Do you know Square Root

Leibniz , a German mathematician stated that

SQRT(1 + SQRT(-3)) + SQRT(1 - SQRT(-3)) = SQRT(6)

What do you think ?

Labels: mathschallenge

13 Comments:

Chris said...: As long as it's understood that the principal values of sqrt are implied, then Leibinz was right.; August 18, 2009 10:12 AM
Chris said...: That the principal value is being used is implicit in the expression.; August 18, 2009 10:24 AM
tha b:.:H said...: super duper!

square that whole thing and do binomial playaround =); August 18, 2009 3:35 PM
Chris said...: This post has been removed by the author.; August 18, 2009 4:12 PM
Chris said...: You should have actually tried it - you wouldn't have found anything to apply the binomial theorem to (except for the pure heck of it).

Also squaring is dodgy, you turn -'s into +'s.

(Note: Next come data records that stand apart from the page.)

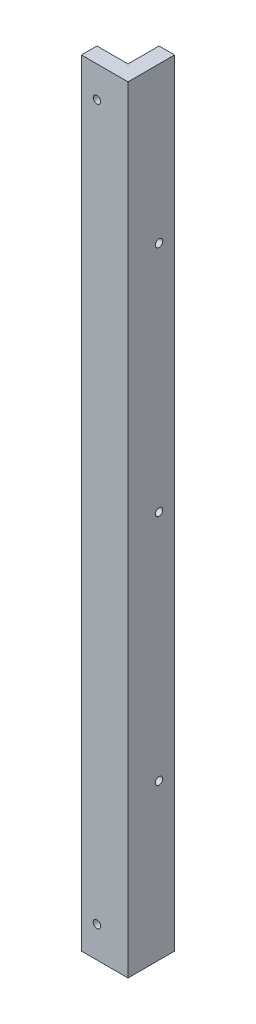
SolidWorks part; units mm, degrees
ref_plane "Front Plane" through (0, 0, 0) normal (0, 0, 1) x (1, 0, 0)
ref_plane "Top Plane" through (0, 0, 0) normal (0, 1, 0) x (1, 0, 0)
ref_plane "Right Plane" through (0, 0, 0) normal (1, 0, 0) x (0, 0, -1)
sketch "Sketch1" plane through (0, 0, 0) normal (0, 1, 0) x (1, 0, 0)
  line L0 (0, 0) -> (15, 0)
  line L1 (15, 0) -> (15, 15)
  line L2 (15, 15) -> (10, 15)
  line L3 (10, 15) -> (10, 5)
  line L4 (10, 5) -> (0, 5)
  line L5 (0, 5) -> (0, 0)
  dimension "D1" = 5
  dimension "D2" = 15
  dimension "D3" = 10
  dimension "D4" = 15
extrude "Boss-Extrude1" add sketch "Sketch1" along normal blind 250
sketch "Sketch2" plane through (15, 0, 0) normal (1, 0, 0) x (0, 0, -1)
  line L0 (10, 10) -> (10, 240) construction
  line L2 (0, 250) -> (0, 0) construction
  line L3 (0, 250) -> (15, 250) construction
  line L4 (0, 0) -> (15, 0) construction
  dimension "D1" = 10
  dimension "D2" = 10
  dimension "D3" = 10
sketch "Sketch3" plane through (10, 0, 0) normal (-1, 0, 0) x (0, 0, 1)
  circle A0 centre (-10, 50) radius 1.2
  circle A1 centre (-10, 125) radius 1.2
  circle A2 centre (-10, 200) radius 1.2
extrude "Cut-Extrude1" cut sketch "Sketch3" against normal blind 10
sketch "Sketch4" plane through (0, 0, 0) normal (0, 0, 1) x (1, 0, 0)
  circle A0 centre (5, 10) radius 1.2
  circle A1 centre (5, 240) radius 1.2
extrude "Cut-Extrude2" cut sketch "Sketch4" against normal blind 5

e.g. 1 = -1 because (1)^2 = (-1)^2, I don't think so.; August 18, 2009 4:19 PM
tha b::H said...: well, i DID try, thought it wasnt worth to post after what we discussed here... also the only thing with squaring is your double solution... 1^2=(-1)^2 => 1=+-(-1)
and thats correct

sqrt(x)=s(x)

s(1-s(-3))+s(1+s(-3)) |square
(1-i*s(3))+2*s(1-i*s(3))*s(1+i*s(3))+(1+i*s(3)) |i*s(3) cancel once
2+2*s[(1-i*s(3))*(1+i*s(3))] |(a-b)(a+b)=a^2-b^2
2+2*s(1^2-3*i^2) | i^2=-1
2+2*s(1+3)=2+2*s(4)=2+4=6
take root -> =+-s(6); August 18, 2009 5:04 PM
Chris said...: You didn't use the binomial theorem, you used the "difference of two squares (identity)".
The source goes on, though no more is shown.